Kirche

Zwei Bischöfe gehen in „Reha“

Wer könnte es ihnen verübeln. Liborius und Kilian sind heilig und fast 800 Jahre alt. Außerdem haben sie seit 1815 ihren Platz über den Portaltüren des Paradiesportals am paderborner Dom nicht verlassen. Jetzt wurde es Zeit für eine Restauration

Eingebettet im Paradiesportal erscheinen die beiden Figuren überhaupt nicht so groß. Ihr Alter lässt sich allerdings erahnen© LenaReiher/Erzbistum Paderborn
Eingebettet im Paradiesportal erscheinen die beiden Figuren überhaupt nicht so groß. Ihr Alter lässt sich allerdings erahnen

Das Paradiesportal des Hohen Doms entstand in der Mitte und der zweiten Hälfte des 12. Jahrhunderts. Die Entstehung der beiden Bischofsfiguren wird daher auch in dieser Zeit vermutet. Die Attribute der beiden hölzernen Dompatrone sprechen ebenfalls dafür. „Die Figuren sind aus einem Stamm gehauen, leicht ausgehöhlt, etwa drei bis acht Zentimeter dick“, beschreibt sie Restaurator Matthias Rüenauver. Wie groß die Figuren sind, erkennt man erst im direkten Vergleich mit Menschen. Für eine genaue Datierung der Figuren, erhoffen sich die Restauratoren in den Gewandfalten alte Farbrücktände zu entdecken.
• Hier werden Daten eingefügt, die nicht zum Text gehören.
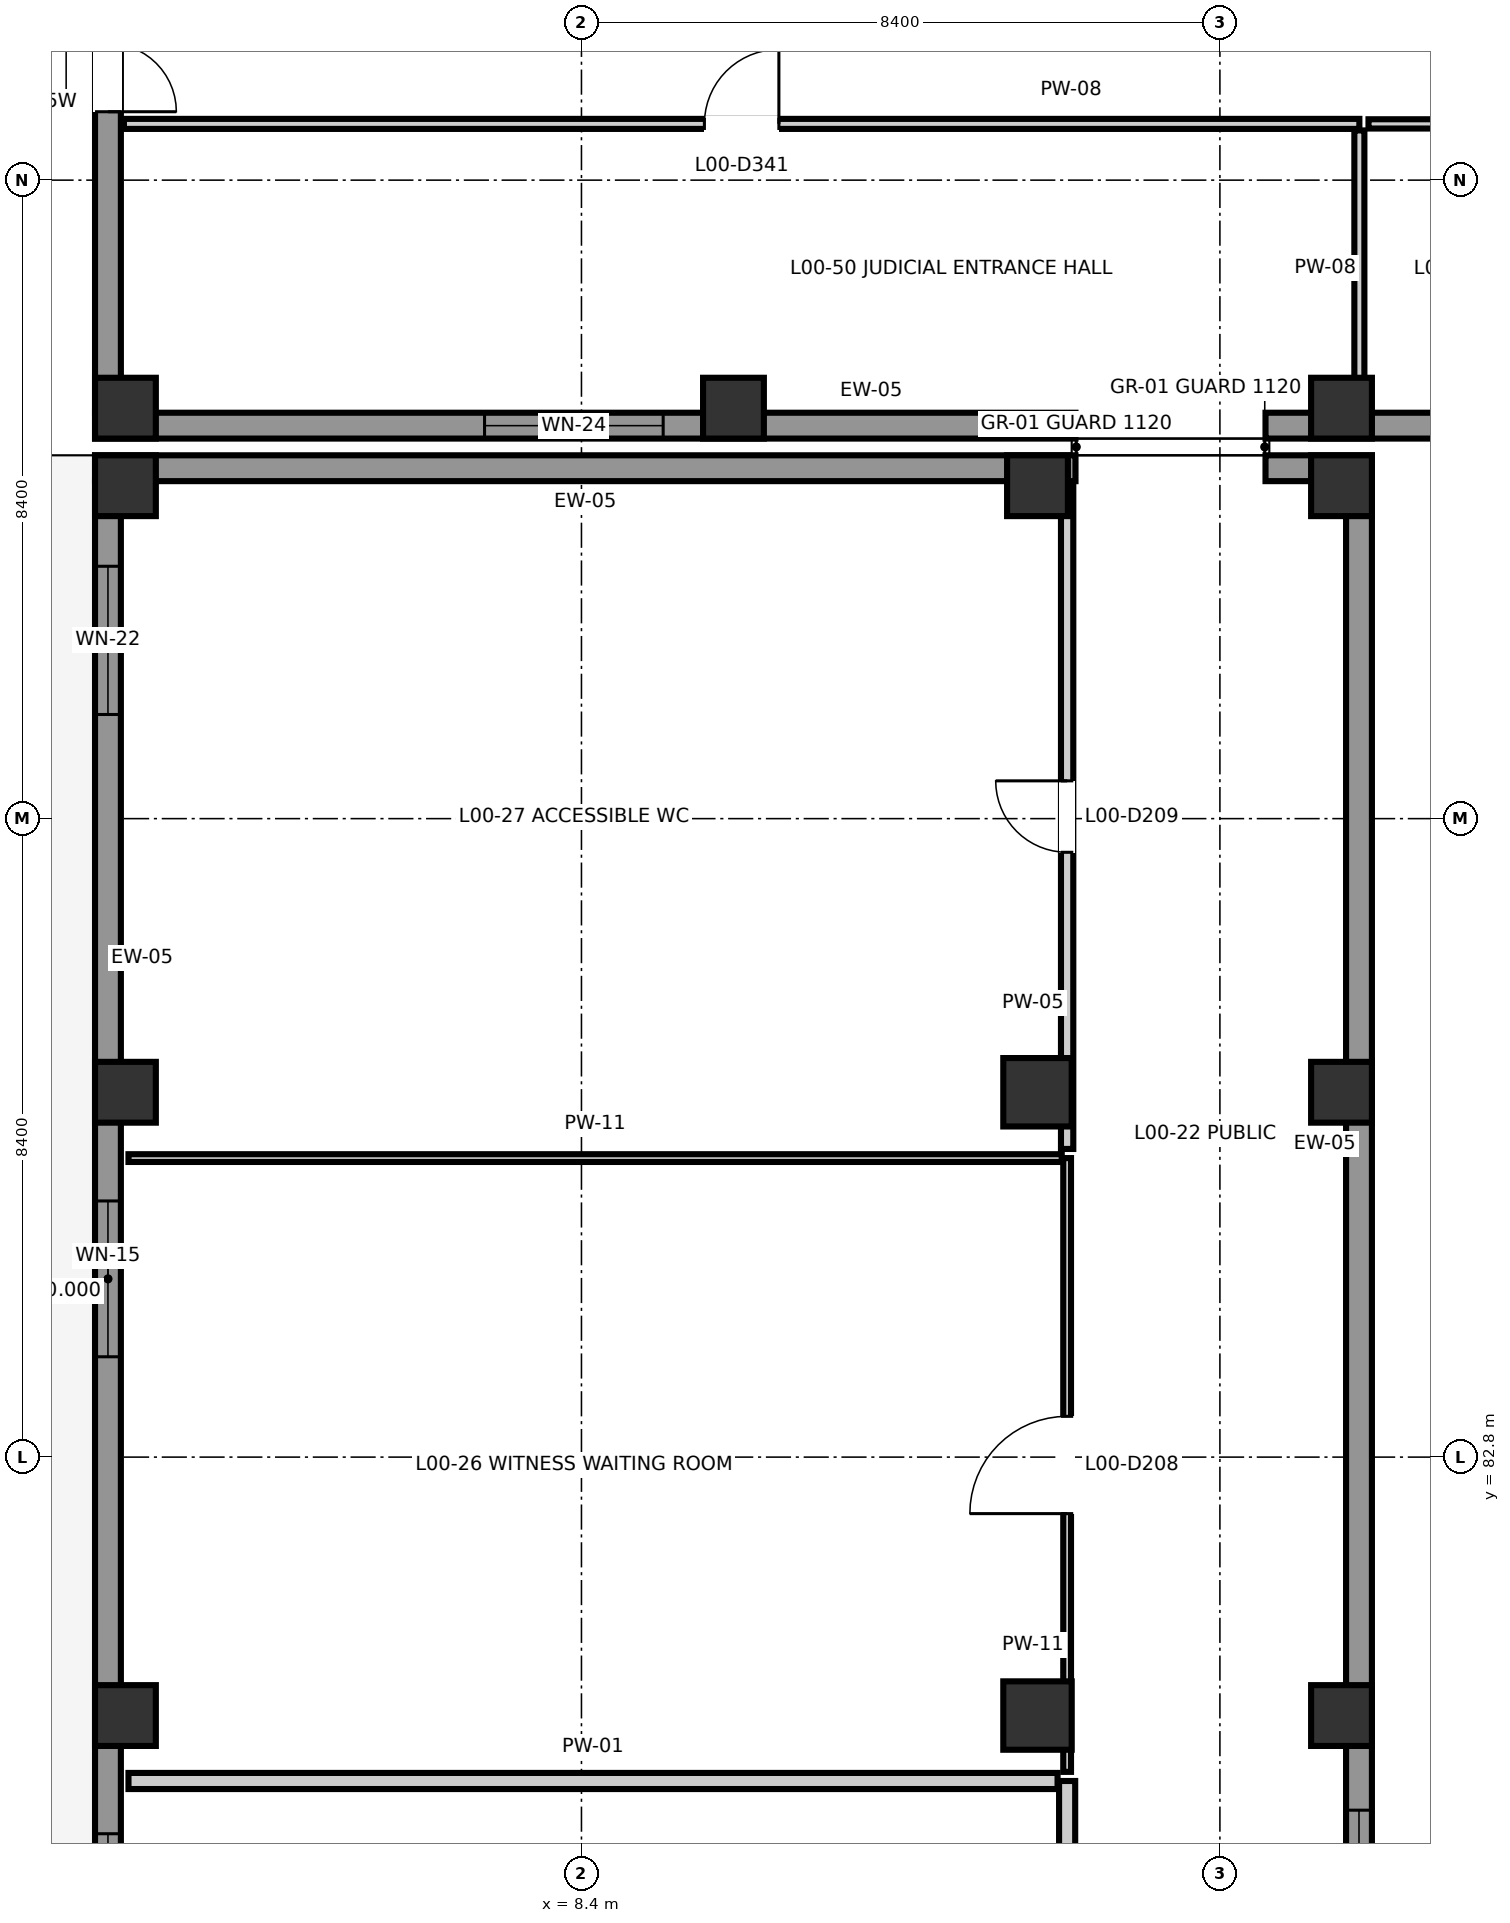
"""IFC4 building model, lengths in metres.
Left out: names, types, materials, properties, quantities, classifications, styles, units other than length and angle.
Written with IfcOpenShell. Run it as: python <this file> out.ifc"""

import sys

from ifc_helpers import new_model, si_unit, direction, frame, frame_2d, origin, origin_2d, place, context, subcontext, project, spatial, rectangle, extrude, element, fill, save


model = new_model("IFC4")
c1 = context("Model", 3, precision=1e-05, world=origin(), true_north=direction((0.0, 1.0)))
c2 = subcontext(c1, "Body", "Model", "MODEL_VIEW")
j1 = project(units=[si_unit("LENGTHUNIT", "METRE"), si_unit("PLANEANGLEUNIT", "RADIAN")], contexts=[c1])
p1 = place(None, origin())
s1 = spatial("IfcSite", under=j1, at=p1, CompositionType="ELEMENT")
p2 = place(p1, origin())
s2 = spatial("IfcBuilding", under=s1, at=p2, CompositionType="ELEMENT")
p3 = place(p2, origin())
s3 = spatial("IfcBuildingStorey", under=s2, at=p3, CompositionType="ELEMENT", Elevation=0.0)
for number, where, z_axis, x_axis in (
    (1, (2.4, 79.4, 0.0), (0.0, 0.0, 1.0), (1.0, 0.0, 0.0)),
    (2, (2.4, 87.6, 0.0), (0.0, 0.0, 1.0), (1.0, 0.0, 0.0)),
    (3, (2.4, 95.58, 0.0), (0.0, 0.0, 1.0), (1.0, 0.0, 0.0)),
):
    element("IfcColumn", number, at=place(p3, frame(where, z_axis=z_axis, x_axis=x_axis)), inside=s3, PredefinedType="COLUMN", context=c2, shape_type="SweptSolid", body=[
        extrude(rectangle(XDim=0.8, YDim=0.8, at=origin_2d()), origin(), (0.0, 0.0, 1.0), 5.4),
    ])
for number, where, z_axis, x_axis in (
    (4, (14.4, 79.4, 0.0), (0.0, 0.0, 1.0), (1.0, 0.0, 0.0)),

Die Abnahme der Figuren gestaltete sich schwieriger als erwartet, denn neben zahlreichen Schrauben, mit denen sie oberhalb der Portaltüren befestigt waren, war zudem ein versteckter Winkel angebracht, der die Dompatrone stütze. Nachdem dieser gefunden war, konnte zuerst die Figur des heiligen Liborius abgenommen werden. Beim Herunterheben fielen auch sofort einige hinter der Figur verborgene Schriftstücke zu Boden. Diese erwiesen sich jedoch als Opfertütchen aus dem Jahr 1968, die vermutlich bei früheren Arbeiten hinter die Figuren geschoben wurden. 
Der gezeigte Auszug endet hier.